RESTful design in Rails is pretty straight forward when you only ever update data with forms, but what if you need to pass parameters via a URL? For example, let's say you want to put a link like "approve" on a page so that your HR manager can simply click a link to approve a job application.
In old rails we could have created an action called "approve" in our application_controller and called that action using a URL with
http://www.website.com/application/approve/2.
But in RESTful development we should only be treating our URL's as resource representations, not as a way to make programmatic calls. Instead we should be calling our application resource with a :put method.
http://www.website.com/application/2
Ok...yeah, we're updating the application model, but how do we tell the app what we are specifically updating on that resource? We do this by passing parameters to that resource, in this case "status" as "approved". We would want the resulting URL to be
http://www.website.com/application/2?status=approved
But how do we embed these parameters RESTfully? The magic?
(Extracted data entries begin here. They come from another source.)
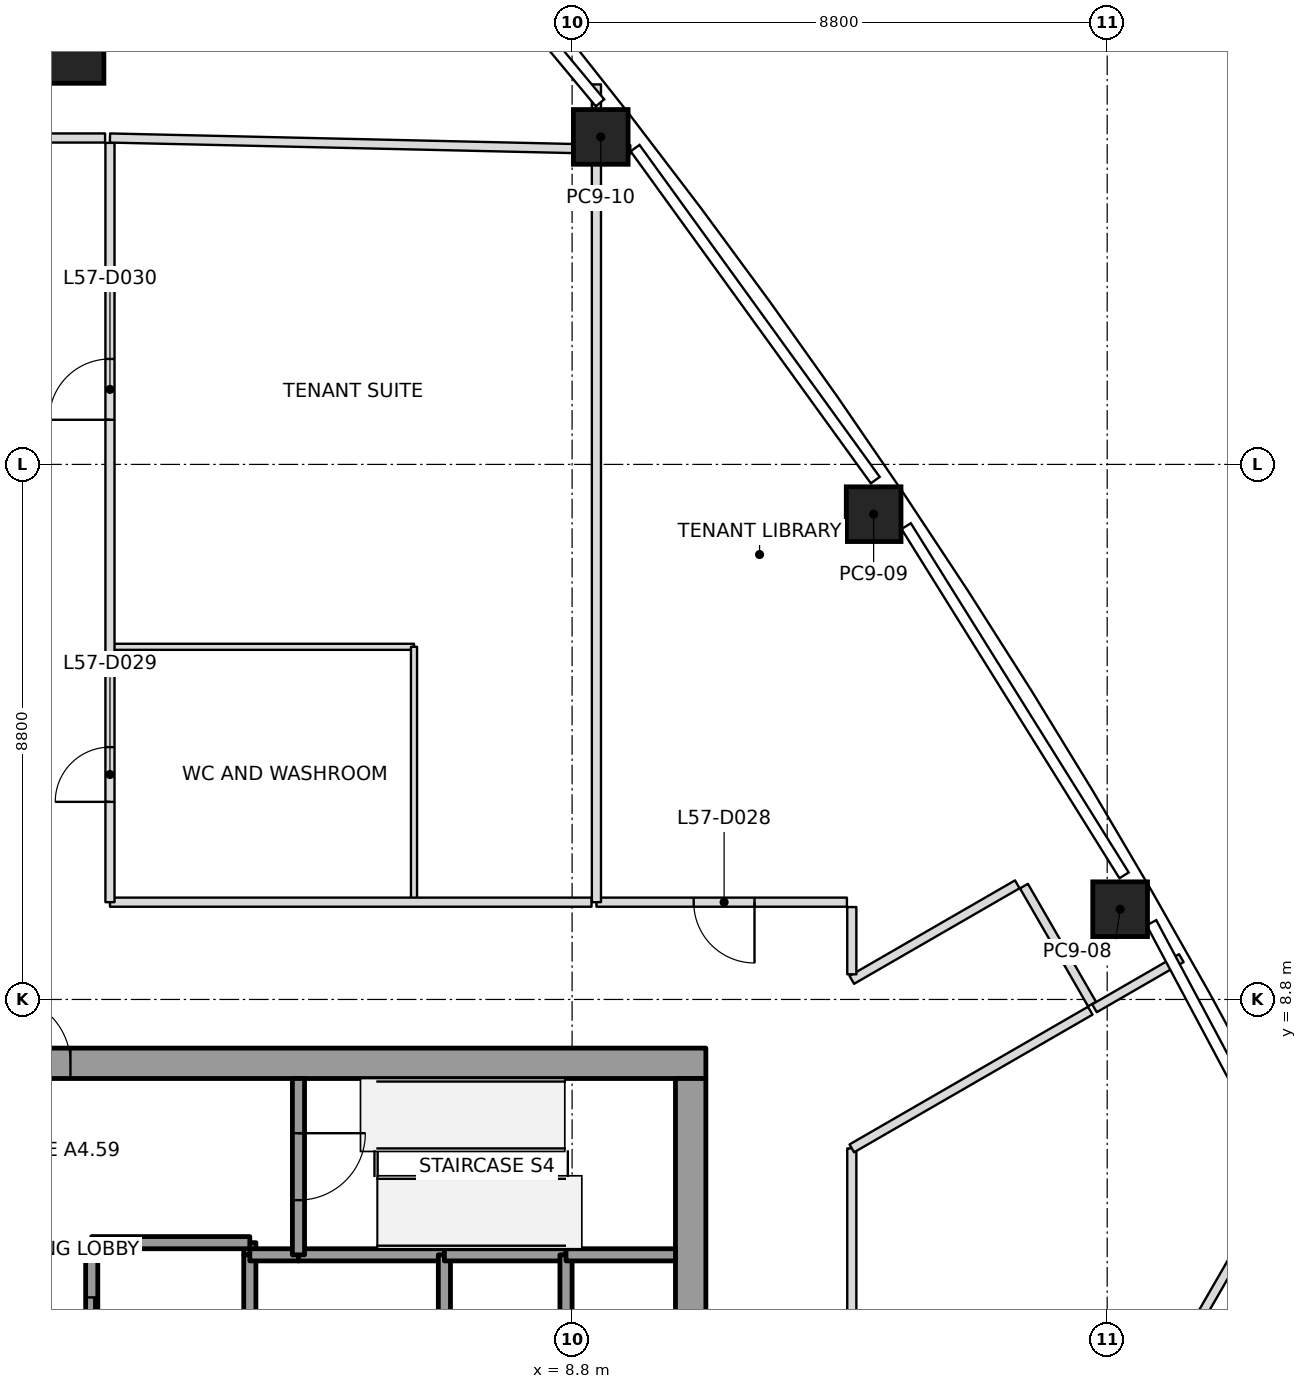
"""IFC4 building model, lengths in metres.
Left out: names, types, materials, properties, quantities, classifications, styles, units other than length and angle.
Written with IfcOpenShell. Run it as: python <this file> out.ifc"""

import sys

from ifc_helpers import new_model, si_unit, direction, frame, frame_2d, origin, origin_2d, place, context, subcontext, project, spatial, rectangle, extrude, element, fill, save


model = new_model("IFC4")
c1 = context("Model", 3, precision=1e-05, world=origin(), true_north=direction((0.0, 1.0)))
c2 = subcontext(c1, "Body", "Model", "MODEL_VIEW")
j1 = project(units=[si_unit("LENGTHUNIT", "METRE"), si_unit("PLANEANGLEUNIT", "RADIAN")], contexts=[c1])
p1 = place(None, origin())
s1 = spatial("IfcSite", under=j1, at=p1, CompositionType="ELEMENT")
p2 = place(p1, origin())
s2 = spatial("IfcBuilding", under=s1, at=p2, CompositionType="ELEMENT")
p3 = place(p2, frame((0.0, 0.0, 255.0)))
s3 = spatial("IfcBuildingStorey", under=s2, at=p3, CompositionType="ELEMENT", Elevation=255.0)
p4 = place(p3, frame((0.0, 24.968, 0.0), z_axis=(0.0, -0.032148900677, 0.999483090495), x_axis=(1.0, 0.0, 0.0)))
e1 = element("IfcColumn", 1, at=p4, inside=s3, PredefinedType="COLUMN", context=c2, shape_type="SweptSolid", body=[
    extrude(rectangle(XDim=2.2, YDim=2.2, at=origin_2d()), origin(), (0.0, 0.0, 1.0), 4.002),
])
p5 = place(p3, frame((17.813, 10.284, 0.0), z_axis=(-0.00994807791, -0.005675897212, 0.999934407817), x_axis=(-0.499975258324, 0.866039685968, -5.8244404e-05)))
e2 = element("IfcColumn", 2, at=p5, inside=s3, PredefinedType="COLUMN", context=c2, shape_type="SweptSolid", body=[
    extrude(rectangle(XDim=0.9, YDim=0.9, at=origin_2d()), origin(), (0.0, 0.0, 1.0), 4.0),
])
p6 = place(p3, frame((13.759, 16.781, 0.0), z_axis=(-0.005248490815, -0.013243284963, 0.999898529226), x_axis=(-0.558035807568, 0.829777716306, 0.008060954894)))
e3 = element("IfcColumn", 3, at=p6, inside=s3, PredefinedType="COLUMN", context=c2, shape_type="SweptSolid", body=[
    extrude(rectangle(XDim=0.9, YDim=0.9, at=origin_2d()), origin(), (0.0, 0.0, 1.0), 4.0),
])
p7 = place(p3, frame((9.271, 22.986, 0.0), z_axis=(-0.000244089904, -0.020381506962, 0.999792245716), x_axis=(-0.613475058101, 0.789553090619, 0.015945851565)))
e4 = element("IfcColumn", 4, at=p7, inside=s3, PredefinedType="COLUMN", context=c2, shape_type="SweptSolid", body=[
    extrude(rectangle(XDim=0.9, YDim=0.9, at=origin_2d()), origin(), (0.0, 0.0, 1.0), 4.001),
])
p8 = place(p3, frame((-11.0, 7.75, 0.0), z_axis=(0.0, 0.0, 1.0), x_axis=(1.0, 0.0, 0.0)))
e5 = element("IfcWall", 5, at=p8, inside=s3, PredefinedType="SHEAR", context=c2, shape_type="SweptSolid", body=[
    extrude(rectangle(XDim=22.0, YDim=0.5, at=frame_2d((11.0, 0.0))), origin(), (0.0, 0.0, 1.0), 4.0),
])
p9 = place(p8, frame((10.45, 0.0, 0.0)))
e6 = element("IfcOpeningElement", 6, at=p9, cuts=e5, PredefinedType="OPENING", context=c2, shape_type="SweptSolid", body=[
    extrude(rectangle(XDim=1.1, YDim=2.1, at=frame_2d((0.55, 1.05))), frame((0.0, 0.25, 0.0), z_axis=(0.0, -1.0, 0.0), x_axis=(1.0, 0.0, 0.0)), (0.0, 0.0, 1.0), 0.5),
])
p10 = place(p3, frame((10.75, -7.5, 0.0), z_axis=(0.0, 0.0, 1.0), x_axis=(0.0, 1.0, 0.0)))
e7 = element("IfcWall", 7, at=p10, inside=s3, PredefinedType="SHEAR", context=c2, shape_type="SweptSolid", body=[
    extrude(rectangle(XDim=15.0, YDim=0.5, at=frame_2d((7.5, 0.0))), origin(), (0.0, 0.0, 1.0), 4.0),
])
p11 = place(p10, frame((6.6, 0.0, 0.0)))
e8 = element("IfcOpeningElement", 8, at=p11, cuts=e7, PredefinedType="OPENING", context=c2, shape_type="SweptSolid", body=[
    extrude(rectangle(XDim=1.8, YDim=2.1, at=frame_2d((0.9, 1.05))), frame((0.0, 0.25, 0.0), z_axis=(0.0, -1.0, 0.0), x_axis=(1.0, 0.0, 0.0)), (0.0, 0.0, 1.0), 0.5),
])
p12 = place(p3, frame((3.5, 4.6, 0.0), z_axis=(0.0, 0.0, 1.0), x_axis=(0.0, 1.0, 0.0)))
e9 = element("IfcWall", 9, at=p12, inside=s3, PredefinedType="SOLIDWALL", context=c2, shape_type="SweptSolid", body=[
    extrude(rectangle(XDim=0.2, YDim=0.2, at=frame_2d((0.1, 0.0))), origin(), (0.0, 0.0, 1.0), 3.85),
])
p13 = place(p3, frame((3.5, 4.8, 0.0), z_axis=(0.0, 0.0, 1.0), x_axis=(-1.0, 0.0, 0.0)))
e10 = element("IfcWall", 10, at=p13, inside=s3, PredefinedType="SOLIDWALL", context=c2, shape_type="SweptSolid", body=[
    extrude(rectangle(XDim=2.6, YDim=0.2, at=frame_2d((1.3, 0.0))), origin(), (0.0, 0.0, 1.0), 3.85),
])
p14 = place(p3, frame((0.9, 4.8, 0.0), z_axis=(0.0, 0.0, 1.0), x_axis=(0.0, -1.0, 0.0)))
e11 = element("IfcWall", 11, at=p14, inside=s3, PredefinedType="SOLIDWALL", context=c2, shape_type="SweptSolid", body=[
    extrude(rectangle(XDim=3.0, YDim=0.2, at=frame_2d((1.5, 0.0))), origin(), (0.0, 0.0, 1.0), 3.85),
])
p15 = place(p14, frame((0.9, 0.0, 0.0)))
e12 = element("IfcOpeningElement", 12, at=p15, cuts=e11, PredefinedType="OPENING", context=c2, shape_type="SweptSolid", body=[
    extrude(rectangle(XDim=1.2, YDim=2.1, at=frame_2d((0.6, 1.05))), frame((0.0, 0.1, 0.0), z_axis=(0.0, -1.0, 0.0), x_axis=(1.0, 0.0, 0.0)), (0.0, 0.0, 1.0), 0.2),
])
p16 = place(p3, frame((3.5, 4.6, 0.0), z_axis=(0.0, 0.0, 1.0), x_axis=(0.0, -1.0, 0.0)))
e13 = element("IfcWall", 13, at=p16, inside=s3, PredefinedType="SOLIDWALL", context=c2, shape_type="SweptSolid", body=[
    extrude(rectangle(XDim=2.8, YDim=0.2, at=frame_2d((1.4, 0.0))), origin(), (0.0, 0.0, 1.0), 3.85),
])
p17 = place(p3, frame((4.3, 4.6, 0.0), z_axis=(0.0, 0.0, 1.0), x_axis=(-1.0, 0.0, 0.0)))
e14 = element("IfcWall", 14, at=p17, inside=s3, PredefinedType="SOLIDWALL", context=c2, shape_type="SweptSolid", body=[
    extrude(rectangle(XDim=0.8, YDim=0.2, at=frame_2d((0.4, 0.0))), origin(), (0.0, 0.0, 1.0), 3.85),
])
p18 = place(p3, frame((6.7, 4.6, 0.0), z_axis=(0.0, 0.0, 1.0), x_axis=(-1.0, 0.0, 0.0)))
e15 = element("IfcWall", 15, at=p18, inside=s3, PredefinedType="SOLIDWALL", context=c2, shape_type="SweptSolid", body=[
    extrude(rectangle(XDim=2.4, YDim=0.2, at=frame_2d((1.2, 0.0))), origin(), (0.0, 0.0, 1.0), 3.85),
])
p19 = place(p3, frame((4.3, 7.5, 0.0), z_axis=(0.0, 0.0, 1.0), x_axis=(0.0, -1.0, 0.0)))
e16 = element("IfcWall", 16, at=p19, inside=s3, PredefinedType="SOLIDWALL", context=c2, shape_type="SweptSolid", body=[
    extrude(rectangle(XDim=2.9, YDim=0.2, at=frame_2d((1.45, 0.0))), origin(), (0.0, 0.0, 1.0), 3.85),
])
p20 = place(p19, frame((0.9, 0.0, 0.0)))
e17 = element("IfcOpeningElement", 17, at=p20, cuts=e16, PredefinedType="OPENING", context=c2, shape_type="SweptSolid", body=[
    extrude(rectangle(XDim=1.1, YDim=2.1, at=frame_2d((0.55, 1.05))), frame((0.0, 0.1, 0.0), z_axis=(0.0, -1.0, 0.0), x_axis=(1.0, 0.0, 0.0)), (0.0, 0.0, 1.0), 0.2),
])
p21 = place(p3, frame((6.7, 1.8, 0.0), z_axis=(0.0, 0.0, 1.0), x_axis=(0.0, 1.0, 0.0)))
e18 = element("IfcWall", 18, at=p21, inside=s3, PredefinedType="SOLIDWALL", context=c2, shape_type="SweptSolid", body=[
    extrude(rectangle(XDim=2.8, YDim=0.2, at=frame_2d((1.4, 0.0))), origin(), (0.0, 0.0, 1.0), 3.85),
])
p22 = place(p3, frame((8.7, 4.6, 0.0), z_axis=(0.0, 0.0, 1.0), x_axis=(-1.0, 0.0, 0.0)))
e19 = element("IfcWall", 19, at=p22, inside=s3, PredefinedType="SOLIDWALL", context=c2, shape_type="SweptSolid", body=[
    extrude(rectangle(XDim=2.0, YDim=0.2, at=frame_2d((1.0, 0.0))), origin(), (0.0, 0.0, 1.0), 3.85),
])
p23 = place(p3, frame((8.7, 1.8, 0.0), z_axis=(0.0, 0.0, 1.0), x_axis=(0.0, 1.0, 0.0)))
e20 = element("IfcWall", 20, at=p23, inside=s3, PredefinedType="SOLIDWALL", context=c2, shape_type="SweptSolid", body=[
    extrude(rectangle(XDim=2.8, YDim=0.2, at=frame_2d((1.4, 0.0))), origin(), (0.0, 0.0, 1.0), 3.85),
])
p24 = place(p3, frame((10.5, 4.6, 0.0), z_axis=(0.0, 0.0, 1.0), x_axis=(-1.0, 0.0, 0.0)))
e21 = element("IfcWall", 21, at=p24, inside=s3, PredefinedType="SOLIDWALL", context=c2, shape_type="SweptSolid", body=[
    extrude(rectangle(XDim=1.8, YDim=0.2, at=frame_2d((0.9, 0.0))), origin(), (0.0, 0.0, 1.0), 3.85),
])
p25 = place(p3, frame((1.2, 22.968, 0.0), z_axis=(0.0, 0.0, 1.0), x_axis=(0.99974152619, -0.022735012879, 0.0)))
e22 = element("IfcWall", 22, at=p25, inside=s3, PredefinedType="PARTITIONING", context=c2, shape_type="SweptSolid", body=[
    extrude(rectangle(XDim=8.559, YDim=0.15, at=frame_2d((4.279, 0.0))), origin(), (0.0, 0.0, 1.0), 3.3),
])
p26 = place(p3, frame((9.2, 10.4, 0.0), z_axis=(0.0, 0.0, 1.0), x_axis=(0.0, 1.0, 0.0)))
e23 = element("IfcWall", 23, at=p26, inside=s3, PredefinedType="PARTITIONING", context=c2, shape_type="SweptSolid", body=[
    extrude(rectangle(XDim=13.45, YDim=0.15, at=frame_2d((6.725, 0.0))), origin(), (0.0, 0.0, 1.0), 3.3),
])
p27 = place(p3, frame((20.62, 6.154, 0.0), z_axis=(0.0, 0.0, 1.0), x_axis=(-0.500001511722, -0.866024530989, 0.0)))
e24 = element("IfcWall", 24, at=p27, inside=s3, PredefinedType="PARTITIONING", context=c2, shape_type="SweptSolid", body=[
    extrude(rectangle(XDim=14.439, YDim=0.15, at=frame_2d((7.22, 0.0))), origin(), (0.0, 0.0, 1.0), 3.084),
])
p28 = place(p3, frame((17.391, 8.655, 0.0), z_axis=(0.0, 0.0, 1.0), x_axis=(0.865966208357, 0.500102515474, 0.0)))
e25 = element("IfcWall", 25, at=p28, inside=s3, PredefinedType="PARTITIONING", context=c2, shape_type="SweptSolid", body=[
    extrude(rectangle(XDim=1.65, YDim=0.15, at=frame_2d((0.825, 0.0))), origin(), (0.0, 0.0, 1.0), 3.084),
])
p29 = place(p3, frame((1.12, 22.968, 0.0), z_axis=(0.0, 0.0, 1.0), x_axis=(-1.0, 0.0, 0.0)))
e26 = element("IfcWall", 26, at=p29, inside=s3, PredefinedType="PARTITIONING", context=c2, shape_type="SweptSolid", body=[
    extrude(rectangle(XDim=2.24, YDim=0.15, at=frame_2d((1.12, 0.0))), origin(), (0.0, 0.0, 1.0), 3.233),
])
p30 = place(p3, frame((9.12, 10.4, 0.0), z_axis=(0.0, 0.0, 1.0), x_axis=(-1.0, 0.0, 0.0)))
e27 = element("IfcWall", 27, at=p30, inside=s3, PredefinedType="PARTITIONING", context=c2, shape_type="SweptSolid", body=[
    extrude(rectangle(XDim=7.92, YDim=0.15, at=frame_2d((3.96, 0.0))), origin(), (0.0, 0.0, 1.0), 3.3),
])
p31 = place(p3, frame((1.2, 10.4, 0.0), z_axis=(0.0, 0.0, 1.0), x_axis=(0.0, 1.0, 0.0)))
e28 = element("IfcWall", 28, at=p31, inside=s3, PredefinedType="PARTITIONING", context=c2, shape_type="SweptSolid", body=[
    extrude(rectangle(XDim=12.488, YDim=0.15, at=frame_2d((6.244, 0.0))), origin(), (0.0, 0.0, 1.0), 3.3),
])
p32 = place(p31, frame((1.65, 0.0, 0.0)))
e29 = element("IfcOpeningElement", 29, at=p32, cuts=e28, PredefinedType="OPENING", context=c2, shape_type="SweptSolid", body=[
    extrude(rectangle(XDim=0.9, YDim=2.1, at=frame_2d((0.45, 1.05))), frame((0.0, 0.075, 0.0), z_axis=(0.0, -1.0, 0.0), x_axis=(1.0, 0.0, 0.0)), (0.0, 0.0, 1.0), 0.15),
])
p33 = place(p31, frame((7.934, 0.0, 0.0)))
e30 = element("IfcOpeningElement", 30, at=p33, cuts=e28, PredefinedType="OPENING", context=c2, shape_type="SweptSolid", body=[
    extrude(rectangle(XDim=1.0, YDim=2.1, at=frame_2d((0.5, 1.05))), frame((0.0, 0.075, 0.0), z_axis=(0.0, -1.0, 0.0), x_axis=(1.0, 0.0, 0.0)), (0.0, 0.0, 1.0), 0.15),
])
p34 = place(p3, frame((13.32, 10.4, 0.0), z_axis=(0.0, 0.0, 1.0), x_axis=(-1.0, 0.0, 0.0)))
e31 = element("IfcWall", 31, at=p34, inside=s3, PredefinedType="PARTITIONING", context=c2, shape_type="SweptSolid", body=[
    extrude(rectangle(XDim=4.12, YDim=0.15, at=frame_2d((2.06, 0.0))), origin(), (0.0, 0.0, 1.0), 3.3),
])
p35 = place(p34, frame((1.52, 0.0, 0.0)))
e32 = element("IfcOpeningElement", 32, at=p35, cuts=e31, PredefinedType="OPENING", context=c2, shape_type="SweptSolid", body=[
    extrude(rectangle(XDim=1.0, YDim=2.1, at=frame_2d((0.5, 1.05))), frame((0.0, 0.075, 0.0), z_axis=(0.0, -1.0, 0.0), x_axis=(1.0, 0.0, 0.0)), (0.0, 0.0, 1.0), 0.15),
])
p36 = place(p3, frame((13.4, -6.351, 0.0), z_axis=(0.0, 0.0, 1.0), x_axis=(0.0, 1.0, 0.0)))
e33 = element("IfcWall", 33, at=p36, inside=s3, PredefinedType="PARTITIONING", context=c2, shape_type="SweptSolid", body=[
    extrude(rectangle(XDim=12.702, YDim=0.15, at=frame_2d((6.351, 0.0))), origin(), (0.0, 0.0, 1.0), 3.167),
])
p37 = place(p36, frame((5.851, 0.0, 0.0)))
e34 = element("IfcOpeningElement", 34, at=p37, cuts=e33, PredefinedType="OPENING", context=c2, shape_type="SweptSolid", body=[
    extrude(rectangle(XDim=1.0, YDim=2.1, at=frame_2d((0.5, 1.05))), frame((0.0, 0.075, 0.0), z_axis=(0.0, -1.0, 0.0), x_axis=(1.0, 0.0, 0.0)), (0.0, 0.0, 1.0), 0.15),
])
p38 = place(p3, frame((13.4, 6.351, 0.0), z_axis=(0.0, 0.0, 1.0), x_axis=(0.866038353239, 0.499977570215, 0.0)))
e35 = element("IfcWall", 35, at=p38, inside=s3, PredefinedType="PARTITIONING", context=c2, shape_type="SweptSolid", body=[
    extrude(rectangle(XDim=4.529, YDim=0.15, at=frame_2d((2.264, 0.0))), origin(), (0.0, 0.0, 1.0), 3.3),
])
p39 = place(p3, frame((16.122, 10.694, 0.0), z_axis=(0.0, 0.0, 1.0), x_axis=(-0.866001883582, -0.500040735972, 0.0)))
e36 = element("IfcWall", 36, at=p39, inside=s3, PredefinedType="PARTITIONING", context=c2, shape_type="SweptSolid", body=[
    extrude(rectangle(XDim=3.143, YDim=0.15, at=frame_2d((1.571, 0.0))), origin(), (0.0, 0.0, 1.0), 3.3),
])
p40 = place(p3, frame((13.4, 9.214, 0.0), z_axis=(0.0, 0.0, 1.0), x_axis=(0.0, 1.0, 0.0)))
e37 = element("IfcWall", 37, at=p40, inside=s3, PredefinedType="PARTITIONING", context=c2, shape_type="SweptSolid", body=[
    extrude(rectangle(XDim=1.106, YDim=0.15, at=frame_2d((0.553, 0.0))), origin(), (0.0, 0.0, 1.0), 3.3),
])
p41 = place(p3, frame((17.351, 8.724, 0.0), z_axis=(0.0, 0.0, 1.0), x_axis=(-0.500030632641, 0.866007717299, 0.0)))
e38 = element("IfcWall", 38, at=p41, inside=s3, PredefinedType="PARTITIONING", context=c2, shape_type="SweptSolid", body=[
    extrude(rectangle(XDim=2.24, YDim=0.15, at=frame_2d((1.12, 0.0))), origin(), (0.0, 0.0, 1.0), 3.3),
])
p42 = place(p3, frame((1.23, 14.6, 0.0), z_axis=(0.0, 0.0, 1.0), x_axis=(1.0, 0.0, 0.0)))
e39 = element("IfcWall", 39, at=p42, inside=s3, PredefinedType="PARTITIONING", context=c2, shape_type="SweptSolid", body=[
    extrude(rectangle(XDim=4.97, YDim=0.1, at=frame_2d((2.485, 0.0))), origin(), (0.0, 0.0, 1.0), 3.3),
])
p43 = place(p3, frame((6.2, 14.6, 0.0), z_axis=(0.0, 0.0, 1.0), x_axis=(0.0, -1.0, 0.0)))
e40 = element("IfcWall", 40, at=p43, inside=s3, PredefinedType="PARTITIONING", context=c2, shape_type="SweptSolid", body=[
    extrude(rectangle(XDim=4.17, YDim=0.1, at=frame_2d((2.085, 0.0))), origin(), (0.0, 0.0, 1.0), 3.3),
])
p44 = place(p35, origin())
e41 = element("IfcDoor", 41, at=p44, inside=s3, OperationType="SINGLE_SWING_LEFT", PredefinedType="DOOR", context=c2, shape_type="SweptSolid", body=[
    extrude(rectangle(XDim=1.0, YDim=2.1, at=frame_2d((0.5, 1.05))), frame((0.0, 0.025, 0.0), z_axis=(0.0, -1.0, 0.0), x_axis=(1.0, 0.0, 0.0)), (0.0, 0.0, 1.0), 0.05),
])
fill(e32, e41)
p45 = place(p32, origin())
e42 = element("IfcDoor", 42, at=p45, inside=s3, OperationType="SINGLE_SWING_LEFT", PredefinedType="DOOR", context=c2, shape_type="SweptSolid", body=[
    extrude(rectangle(XDim=0.9, YDim=2.1, at=frame_2d((0.45, 1.05))), frame((0.0, 0.025, 0.0), z_axis=(0.0, -1.0, 0.0), x_axis=(1.0, 0.0, 0.0)), (0.0, 0.0, 1.0), 0.05),
])
fill(e29, e42)
p46 = place(p33, origin())
e43 = element("IfcDoor", 43, at=p46, inside=s3, OperationType="SINGLE_SWING_LEFT", PredefinedType="DOOR", context=c2, shape_type="SweptSolid", body=[
    extrude(rectangle(XDim=1.0, YDim=2.1, at=frame_2d((0.5, 1.05))), frame((0.0, 0.025, 0.0), z_axis=(0.0, -1.0, 0.0), x_axis=(1.0, 0.0, 0.0)), (0.0, 0.0, 1.0), 0.05),
])
fill(e30, e43)
p47 = place(p15, origin())
e44 = element("IfcDoor", 44, at=p47, inside=s3, OperationType="SLIDING_TO_LEFT", PredefinedType="DOOR", context=c2, shape_type="SweptSolid", body=[
    extrude(rectangle(XDim=1.2, YDim=2.1, at=frame_2d((0.6, 1.05))), frame((0.0, 0.025, 0.0), z_axis=(0.0, -1.0, 0.0), x_axis=(1.0, 0.0, 0.0)), (0.0, 0.0, 1.0), 0.05),
])
fill(e12, e44)
p48 = place(p20, origin())
e45 = element("IfcDoor", 45, at=p48, inside=s3, OperationType="SINGLE_SWING_LEFT", PredefinedType="DOOR", context=c2, shape_type="SweptSolid", body=[
    extrude(rectangle(XDim=1.1, YDim=2.1, at=frame_2d((0.55, 1.05))), frame((0.0, 0.025, 0.0), z_axis=(0.0, -1.0, 0.0), x_axis=(1.0, 0.0, 0.0)), (0.0, 0.0, 1.0), 0.05),
])
fill(e17, e45)
p49 = place(p9, origin())
e46 = element("IfcDoor", 46, at=p49, inside=s3, OperationType="SINGLE_SWING_LEFT", PredefinedType="DOOR", context=c2, shape_type="SweptSolid", body=[
    extrude(rectangle(XDim=1.1, YDim=2.1, at=frame_2d((0.55, 1.05))), frame((0.0, 0.025, 0.0), z_axis=(0.0, -1.0, 0.0), x_axis=(1.0, 0.0, 0.0)), (0.0, 0.0, 1.0), 0.05),
])
fill(e6, e46)
save(model, sys.argv[1])

Rails does this by accepting additional parameters via the application_path() option in our link_to tag.
<%= link_to 'approve', application_path(:id => application.id, :status => "approved"),
:method => :put %>
application_path() is a rails helper that takes the options specified and generates a URL in a RESTful way. In this case it will create a URL representing the application resource, add on the parameters we passed (:id and :status) then tack on the RESTful method, in this case 'put'.
In our application_controller, the update action (which corresponds to put) will be called and the application model will be committed using the updated parameters. Shazaam! Now isn't that clean?! No extra methods in our controllers, just the typical CRUD.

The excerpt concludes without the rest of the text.